DEMANDEUR A LA SAISINE SUR RENVOI APRES CASSATION
S.A.R.L. VULCAIN
[Adresse 2]
[Adresse 2]
Représentée par Me Virginie DOMAIN, avocat au barreau de PARIS, toque : C2440
DEFENDEUR A LA SAISINE SUR RENVOI APRES CASSATION
Monsieur [D] [Z]
[Adresse 1]
[Adresse 1]
Représenté par Me Annie GULMEZ, avocat au barreau de MEAUX
COMPOSITION DE LA COUR :
L'affaire a été débattue le 19 Juin 2024, en audience publique, devant la Cour composée de :
M. Stéphane MEYER, Président
M. Fabrice MORILLO, Conseiller
Madame Nelly CHRETIENNOT, Conseillère
qui en ont délibéré, un rapport a été présenté à l'audience par Monsieur Fabrice MORILLO, conseiller, dans les conditions prévues par l'article 804 du code de procédure civile.
Greffier, lors des débats : Monsieur Jadot TAMBUE
ARRET :
- CONTRADICTOIRE
- par mise à disposition de l'arrêt au greffe de la Cour, les parties en ayant été préalablement avisées dans les conditions prévues au deuxième alinéa de l'article 450 du code de procédure civile.
- signé par Monsieur Stéphane MEYER, président de chambre et par Monsieur Jadot TAMBUE, greffier, à qui la minute de la décision a été remise par le magistrat signataire.
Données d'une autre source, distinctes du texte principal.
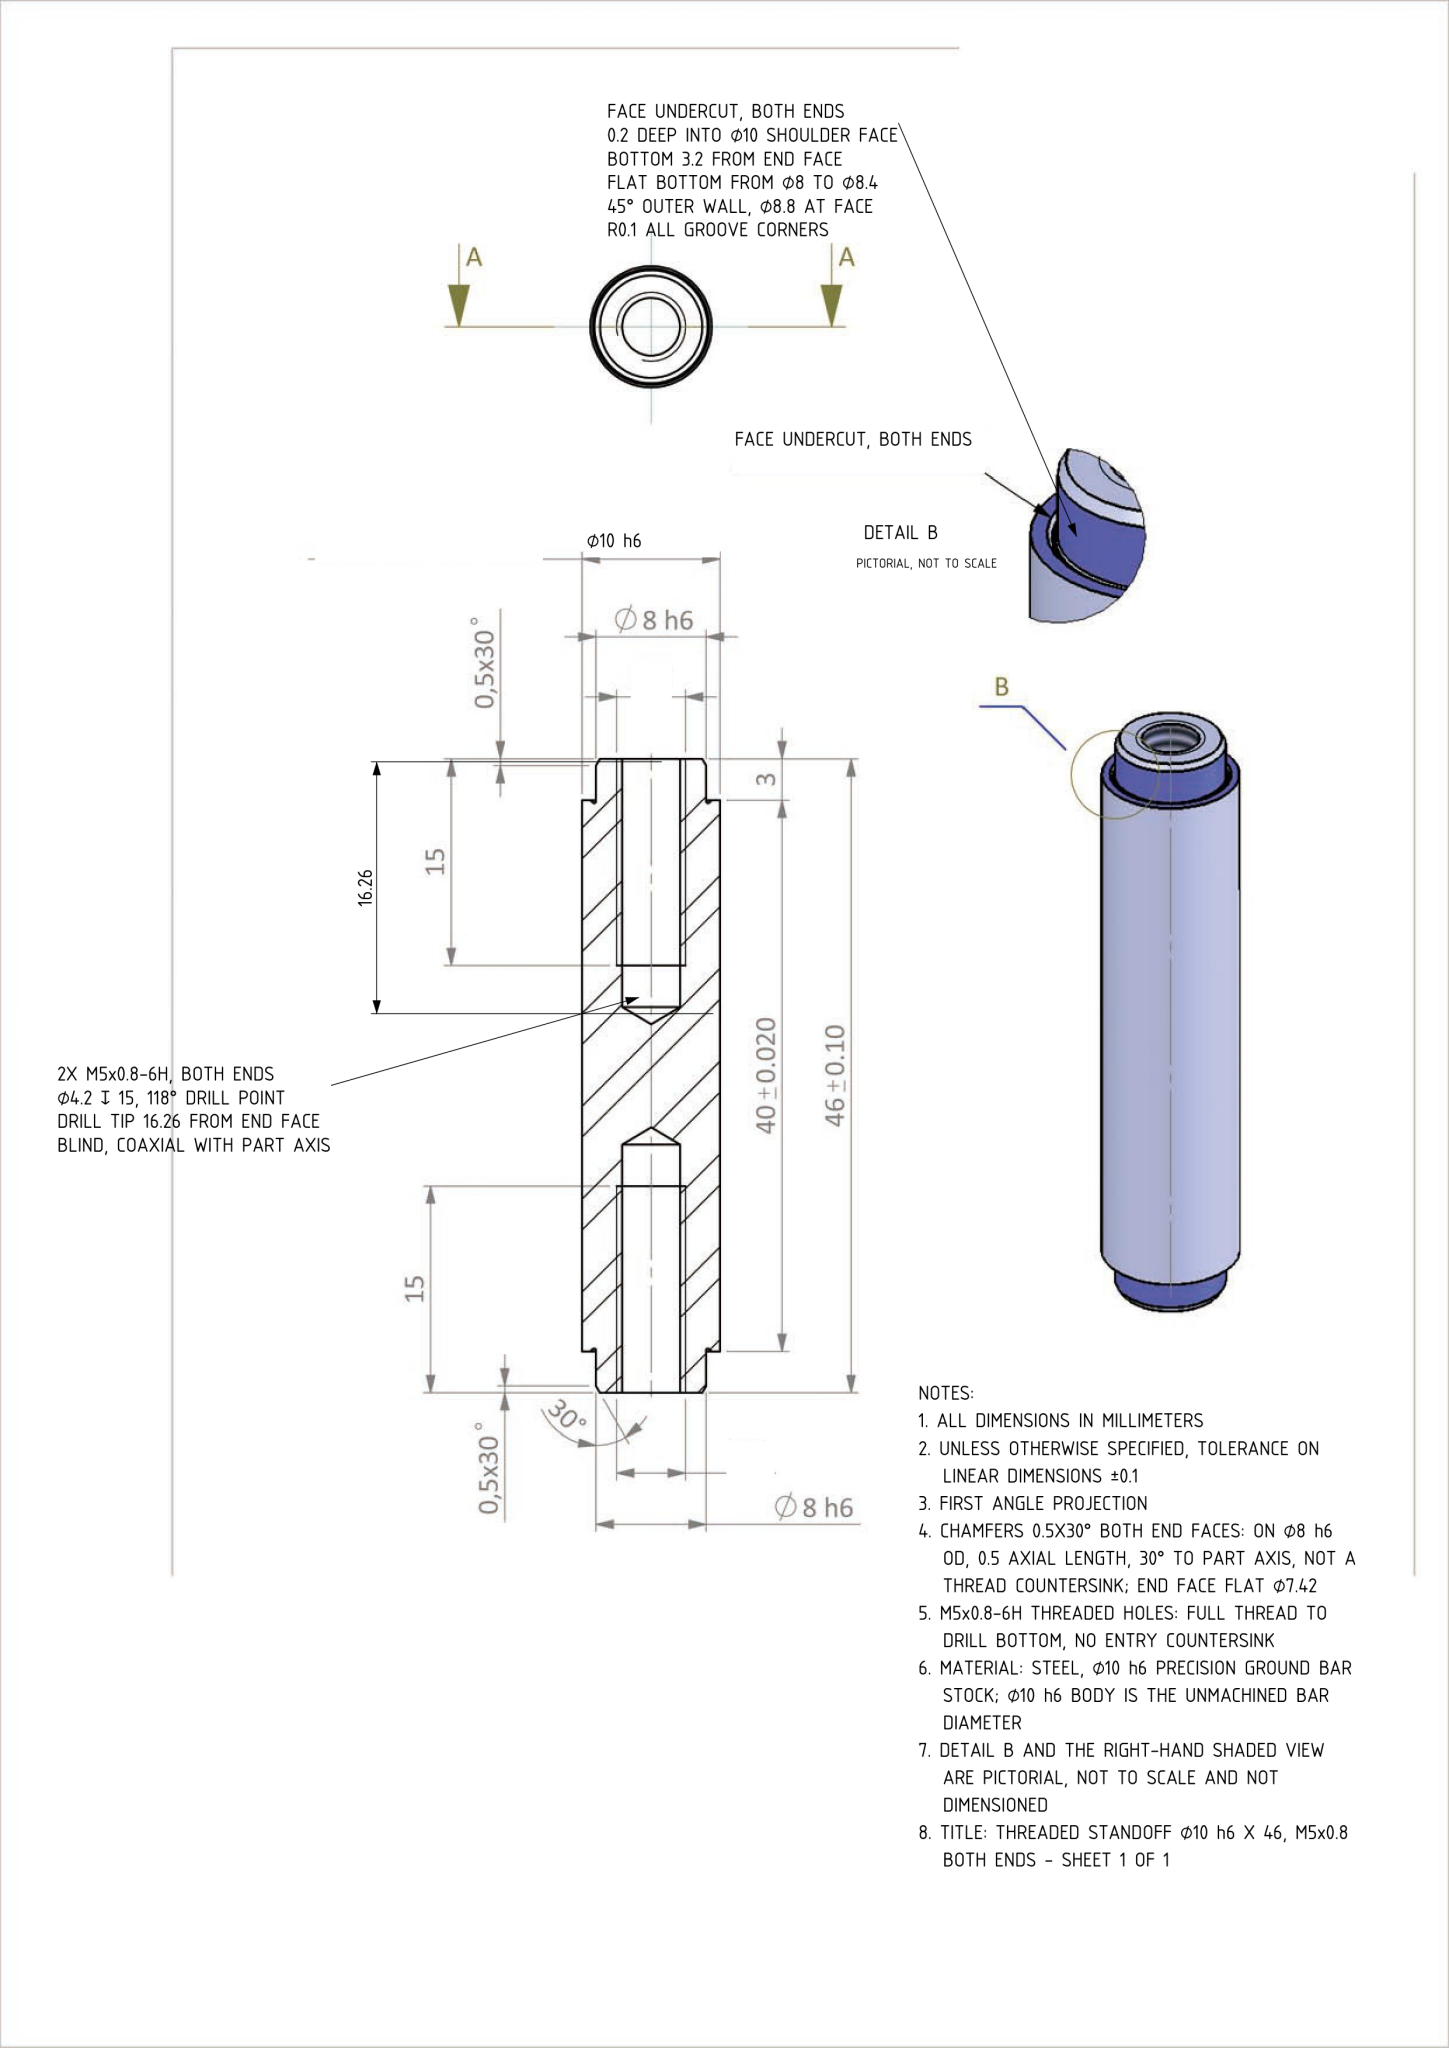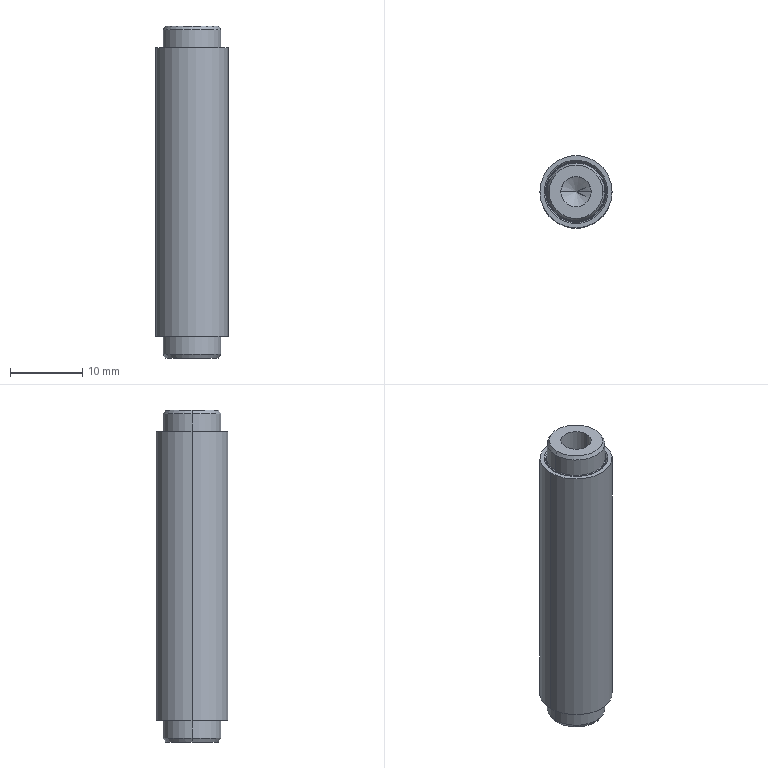Part | NX | mm | 1 solid | 36 faces | box 10 x 10 x 46 mm | volume 2926 mm3 | cone 12 | cylinder 10 | torus 8 | plane 6 | commonest cylinder face diameters 8 x4 4.2 x4 10 x2
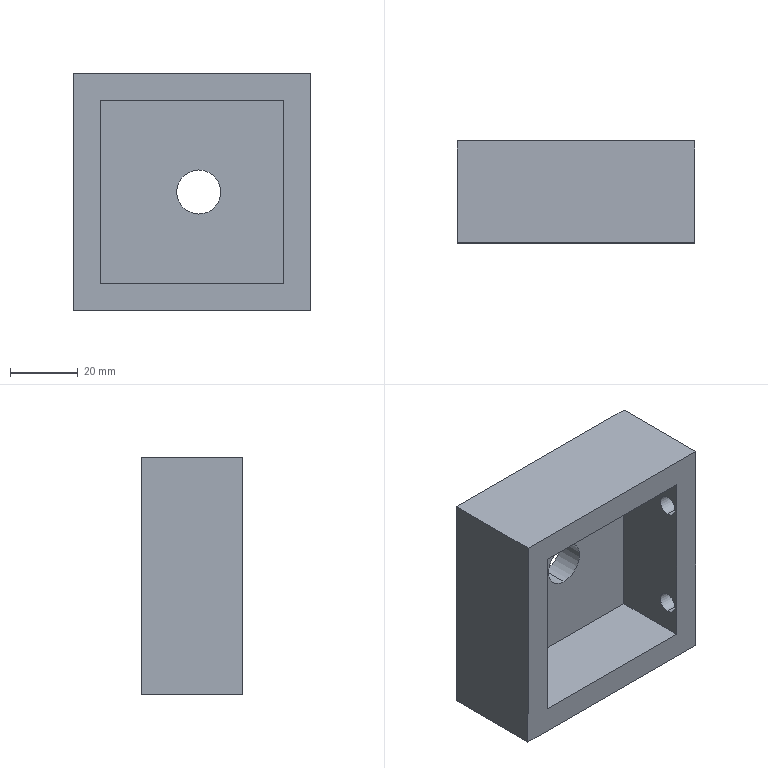Component | SolidWorks | GrippingMountingHousing-2 | 1 solid | 17 faces | box 70.08 x 30 x 70.08 mm | volume 81334 mm3 | plane 11 | cylinder 6 | commonest cylinder face diameters 6 x4 13 x2
build123d program:
from build123d import *

# Parameters (mm, degrees)
SKETCH1_2_W                   = 30
SKETCH1_2_H                   = 70
BOSS_EXTRUDE1_DEPTH           = 70
SHELL1_T                      = -8
SKETCH4_R                     = 3
CUT_EXTRUDE2_DEPTH            = 10
SKETCH1_R                     = 6.5
PISTON_ROD_THROUGH_HOLE_DEPTH = 8.5


with BuildPart() as part:
    # Sketch1_2 → Boss-Extrude1 (new body)
    with BuildSketch(Plane(origin=(0, 0, 0), x_dir=(1, 0, 0), z_dir=(0, 1, 0))):
        Rectangle(SKETCH1_2_W, SKETCH1_2_H)
    extrude(amount=BOSS_EXTRUDE1_DEPTH)

    # Shell1
    shell1_openings = [part.faces().sort_by_distance(p)[0] for p in [
        (15, 35, 0),
    ]]
    offset(amount=SHELL1_T, openings=shell1_openings, kind=Kind.INTERSECTION)

    # Sketch4 → Cut-Extrude2 (cut)
    with BuildSketch(Plane(origin=(0, 70, 0), x_dir=(1, 0, 0), z_dir=(0, 1, 0))):
        with Locations(Location((11.231, -17.525, 0), (0, 0, 270))):
            Circle(SKETCH4_R)
        with Locations(Location((11.231, 17.525, 0), (0, 0, 270))):
            Circle(SKETCH4_R)
    extrude(amount=-CUT_EXTRUDE2_DEPTH, mode=Mode.SUBTRACT)

    # Sketch1 → Piston Rod Through Hole (cut)
    with BuildSketch(Plane.ZY.offset(15)):
        with Locations((-0.0026, 37.002)):
            Circle(SKETCH1_R)
    extrude(amount=-PISTON_ROD_THROUGH_HOLE_DEPTH, mode=Mode.SUBTRACT)


solid = part.part

# Placed as in the assembly
solid = solid.moved(Location((-162.042, 776.54, 1109.793), (0, 0.0619, -90)))
STEP:
#1=COLOUR_RGB('',0.7922,0.8196,0.9333);
#2=FILL_AREA_STYLE_COLOUR('',#1);
#3=FILL_AREA_STYLE('',(#2));
#4=SURFACE_STYLE_FILL_AREA(#3);
#5=SURFACE_SIDE_STYLE('',(#4));
#6=SURFACE_STYLE_USAGE(.BOTH.,#5);
#7=PRESENTATION_STYLE_ASSIGNMENT((#6));
#8=CARTESIAN_POINT('',(-4.923,30.848,43.947));
#9=VERTEX_POINT('',#8);
#10=CARTESIAN_POINT('',(-4.923,30.848,43.435));
#11=VERTEX_POINT('',#10);
#12=CARTESIAN_POINT('',(-4.923,30.848,43.691));
#13=DIRECTION('',(0.,-1.,0.));
#14=DIRECTION('',(-0.00108,0.,-1.));
#15=AXIS2_PLACEMENT_3D('',#12,#13,#14);
#16=CIRCLE('',#15,0.2559);
#17=EDGE_CURVE('',#9,#11,#16,.T.);
#18=ORIENTED_EDGE('',*,*,#17,.T.);
#19=CARTESIAN_POINT('',(-4.923,31.163,43.435));
#20=VERTEX_POINT('',#19);
#21=CARTESIAN_POINT('',(-4.923,30.828,43.435));
#22=DIRECTION('',(-0.,1.,-0.));
#23=VECTOR('',#22,39.37);
#24=LINE('',#21,#23);
#25=EDGE_CURVE('',#11,#20,#24,.T.);
#26=ORIENTED_EDGE('',*,*,#25,.T.);
#27=CARTESIAN_POINT('',(-4.923,31.163,43.947));
#28=VERTEX_POINT('',#27);
#29=CARTESIAN_POINT('',(-4.923,31.163,43.691));
#30=DIRECTION('',(-0.,1.,-0.));
#31=DIRECTION('',(0.00108,0.,1.));
#32=AXIS2_PLACEMENT_3D('',#29,#30,#31);
#33=CIRCLE('',#32,0.2559);
#34=EDGE_CURVE('',#20,#28,#33,.T.);
#35=ORIENTED_EDGE('',*,*,#34,.T.);
#36=CARTESIAN_POINT('',(-4.923,30.828,43.947));
#37=DIRECTION('',(-0.,1.,-0.));
#38=VECTOR('',#37,39.37);
#39=LINE('',#36,#38);
#40=EDGE_CURVE('',#9,#28,#39,.T.);
#41=ORIENTED_EDGE('',*,*,#40,.F.);
#42=EDGE_LOOP('',(#18,#26,#35,#41));
#43=FACE_OUTER_BOUND('',#42,.T.);
#44=CARTESIAN_POINT('',(-4.923,30.828,43.691));
#45=DIRECTION('',(-0.,1.,-0.));
#46=DIRECTION('',(0.00108,0.,1.));
#47=AXIS2_PLACEMENT_3D('',#44,#45,#46);
#48=CYLINDRICAL_SURFACE('',#47,0.2559);
#49=ADVANCED_FACE('',(#43),#48,.F.);
#50=CARTESIAN_POINT('',(-3.938,30.13,44.498));
#51=VERTEX_POINT('',#50);
#52=CARTESIAN_POINT('',(-3.938,30.13,44.262));
#53=VERTEX_POINT('',#52);
#54=CARTESIAN_POINT('',(-3.938,30.13,44.38));
#55=DIRECTION('',(-1.,-0.,0.00108));
#56=DIRECTION('',(-0.00108,0.,-1.));
#57=AXIS2_PLACEMENT_3D('',#54,#55,#56);
#58=CIRCLE('',#57,0.1181);
#59=EDGE_CURVE('',#51,#53,#58,.T.);
#60=ORIENTED_EDGE('',*,*,#59,.T.);
#61=CARTESIAN_POINT('',(-3.623,30.13,44.261));
#62=VERTEX_POINT('',#61);
#63=CARTESIAN_POINT('',(-4.017,30.13,44.262));
#64=DIRECTION('',(1.,0.,-0.00108));
#65=VECTOR('',#64,39.37);
#66=LINE('',#63,#65);
#67=EDGE_CURVE('',#53,#62,#66,.T.);
#68=ORIENTED_EDGE('',*,*,#67,.T.);
#69=CARTESIAN_POINT('',(-3.623,30.13,44.498));
#70=VERTEX_POINT('',#69);
#71=CARTESIAN_POINT('',(-3.623,30.13,44.38));
#72=DIRECTION('',(1.,0.,-0.00108));
#73=DIRECTION('',(0.00108,0.,1.));
#74=AXIS2_PLACEMENT_3D('',#71,#72,#73);
#75=CIRCLE('',#74,0.1181);
#76=EDGE_CURVE('',#62,#70,#75,.T.);
#77=ORIENTED_EDGE('',*,*,#76,.T.);
#78=CARTESIAN_POINT('',(-4.017,30.13,44.498));
#79=DIRECTION('',(1.,0.,-0.00108));
#80=VECTOR('',#79,39.37);
#81=LINE('',#78,#80);
#82=EDGE_CURVE('',#51,#70,#81,.T.);
#83=ORIENTED_EDGE('',*,*,#82,.F.);
#84=EDGE_LOOP('',(#60,#68,#77,#83));
#85=FACE_OUTER_BOUND('',#84,.T.);
#86=CARTESIAN_POINT('',(-4.017,30.13,44.38));
#87=DIRECTION('',(1.,0.,-0.00108));
#88=DIRECTION('',(0.00108,0.,1.));
#89=AXIS2_PLACEMENT_3D('',#86,#87,#88);
#90=CYLINDRICAL_SURFACE('',#89,0.1181);
#91=ADVANCED_FACE('',(#85),#90,.F.);
#92=CARTESIAN_POINT('',(-3.939,30.13,43.118));
#93=VERTEX_POINT('',#92);
#94=CARTESIAN_POINT('',(-3.94,30.13,42.882));
#95=VERTEX_POINT('',#94);
#96=CARTESIAN_POINT('',(-3.939,30.13,43.));
#97=DIRECTION('',(-1.,-0.,0.00108));
#98=DIRECTION('',(-0.00108,0.,-1.));
#99=AXIS2_PLACEMENT_3D('',#96,#97,#98);
#100=CIRCLE('',#99,0.1181);
#101=EDGE_CURVE('',#93,#95,#100,.T.);
#102=ORIENTED_EDGE('',*,*,#101,.T.);
#103=CARTESIAN_POINT('',(-3.625,30.13,42.882));
#104=VERTEX_POINT('',#103);
#105=CARTESIAN_POINT('',(-4.018,30.13,42.882));
#106=DIRECTION('',(1.,0.,-0.00108));
#107=VECTOR('',#106,39.37);
#108=LINE('',#105,#107);
#109=EDGE_CURVE('',#95,#104,#108,.T.);
#110=ORIENTED_EDGE('',*,*,#109,.T.);
#111=CARTESIAN_POINT('',(-3.624,30.13,43.118));
#112=VERTEX_POINT('',#111);
#113=CARTESIAN_POINT('',(-3.624,30.13,43.));
#114=DIRECTION('',(1.,0.,-0.00108));
#115=DIRECTION('',(0.00108,0.,1.));
#116=AXIS2_PLACEMENT_3D('',#113,#114,#115);
#117=CIRCLE('',#116,0.1181);
#118=EDGE_CURVE('',#104,#112,#117,.T.);
#119=ORIENTED_EDGE('',*,*,#118,.T.);
#120=CARTESIAN_POINT('',(-4.018,30.13,43.118));
#121=DIRECTION('',(1.,0.,-0.00108));
#122=VECTOR('',#121,39.37);
#123=LINE('',#120,#122);
#124=EDGE_CURVE('',#93,#112,#123,.T.);
#125=ORIENTED_EDGE('',*,*,#124,.F.);
#126=EDGE_LOOP('',(#102,#110,#119,#125));
#127=FACE_OUTER_BOUND('',#126,.T.);
#128=CARTESIAN_POINT('',(-4.018,30.13,43.));
#129=DIRECTION('',(1.,0.,-0.00108));
#130=DIRECTION('',(0.00108,0.,1.));
#131=AXIS2_PLACEMENT_3D('',#128,#129,#130);
#132=CYLINDRICAL_SURFACE('',#131,0.1181);
#133=ADVANCED_FACE('',(#127),#132,.F.);
#134=CARTESIAN_POINT('',(-6.378,29.982,45.071));
#135=VERTEX_POINT('',#134);
#136=CARTESIAN_POINT('',(-6.381,29.982,42.315));
#137=VERTEX_POINT('',#136);
#138=CARTESIAN_POINT('',(-6.378,29.982,45.071));
#139=DIRECTION('',(-0.00108,-0.,-1.));
#140=VECTOR('',#139,39.37);
#141=LINE('',#138,#140);
#142=EDGE_CURVE('',#135,#137,#141,.T.);
#143=ORIENTED_EDGE('',*,*,#142,.T.);
#144=CARTESIAN_POINT('',(-3.625,29.982,42.312));
#145=VERTEX_POINT('',#144);
#146=CARTESIAN_POINT('',(-3.625,29.982,42.312));
#147=DIRECTION('',(-1.,-0.,0.00108));
#148=VECTOR('',#147,39.37);
#149=LINE('',#146,#148);
#150=EDGE_CURVE('',#145,#137,#149,.T.);
#151=ORIENTED_EDGE('',*,*,#150,.F.);
#152=CARTESIAN_POINT('',(-3.622,29.982,45.068));
#153=VERTEX_POINT('',#152);
#154=CARTESIAN_POINT('',(-3.622,29.982,45.068));
#155=DIRECTION('',(-0.00108,-0.,-1.));
#156=VECTOR('',#155,39.37);
#157=LINE('',#154,#156);
#158=EDGE_CURVE('',#153,#145,#157,.T.);
#159=ORIENTED_EDGE('',*,*,#158,.F.);
#160=CARTESIAN_POINT('',(-3.622,29.982,45.068));
#161=DIRECTION('',(-1.,-0.,0.00108));
#162=VECTOR('',#161,39.37);
#163=LINE('',#160,#162);
#164=EDGE_CURVE('',#153,#135,#163,.T.);
#165=ORIENTED_EDGE('',*,*,#164,.T.);
#166=EDGE_LOOP('',(#143,#151,#159,#165));
#167=FACE_OUTER_BOUND('',#166,.T.);
#168=CARTESIAN_POINT('',(-6.064,29.982,44.755));
#169=VERTEX_POINT('',#168);
#170=CARTESIAN_POINT('',(-6.066,29.982,42.629));
#171=VERTEX_POINT('',#170);
#172=CARTESIAN_POINT('',(-6.065,29.982,43.692));
#173=DIRECTION('',(-0.00108,-0.,-1.));
#174=VECTOR('',#173,39.37);
#175=LINE('',#172,#174);
#176=EDGE_CURVE('',#169,#171,#175,.T.);
#177=ORIENTED_EDGE('',*,*,#176,.F.);
#178=CARTESIAN_POINT('',(-3.938,29.982,44.753));
#179=VERTEX_POINT('',#178);
#180=CARTESIAN_POINT('',(-3.623,29.982,44.753));
#181=DIRECTION('',(-1.,-0.,0.00108));
#182=VECTOR('',#181,39.37);
#183=LINE('',#180,#182);
#184=EDGE_CURVE('',#179,#169,#183,.T.);
#185=ORIENTED_EDGE('',*,*,#184,.F.);
#186=CARTESIAN_POINT('',(-3.94,29.982,42.627));
#187=VERTEX_POINT('',#186);
#188=CARTESIAN_POINT('',(-3.939,29.982,43.69));
#189=DIRECTION('',(-0.00108,-0.,-1.));
#190=VECTOR('',#189,39.37);
#191=LINE('',#188,#190);
#192=EDGE_CURVE('',#179,#187,#191,.T.);
#193=ORIENTED_EDGE('',*,*,#192,.T.);
#194=CARTESIAN_POINT('',(-3.625,29.982,42.627));
#195=DIRECTION('',(-1.,-0.,0.00108));
#196=VECTOR('',#195,39.37);
#197=LINE('',#194,#196);
#198=EDGE_CURVE('',#187,#171,#197,.T.);
#199=ORIENTED_EDGE('',*,*,#198,.T.);
#200=EDGE_LOOP('',(#177,#185,#193,#199));
#201=FACE_BOUND('',#200,.T.);
#202=CARTESIAN_POINT('',(-3.622,29.982,45.068));
#203=DIRECTION('',(-0.,1.,-0.));
#204=DIRECTION('',(0.00108,0.,1.));
#205=AXIS2_PLACEMENT_3D('',#202,#203,#204);
#206=PLANE('',#205);
#207=ADVANCED_FACE('',(#167,#201),#206,.F.);
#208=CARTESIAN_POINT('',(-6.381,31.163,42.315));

RAPPEL DES FAITS, PROCÉDURE ET PRÉTENTIONS DES PARTIES
Suivant contrat de travail à durée indéterminée à compter du 1er juillet 2009, M. [X] [Z] a été engagé en qualité d'ingénieur commercial (statut cadre) par la société VULCAIN (exerçant sous la marque commerciale MOBILITYS), celle-ci appliquant la convention collective nationale des télécommunications.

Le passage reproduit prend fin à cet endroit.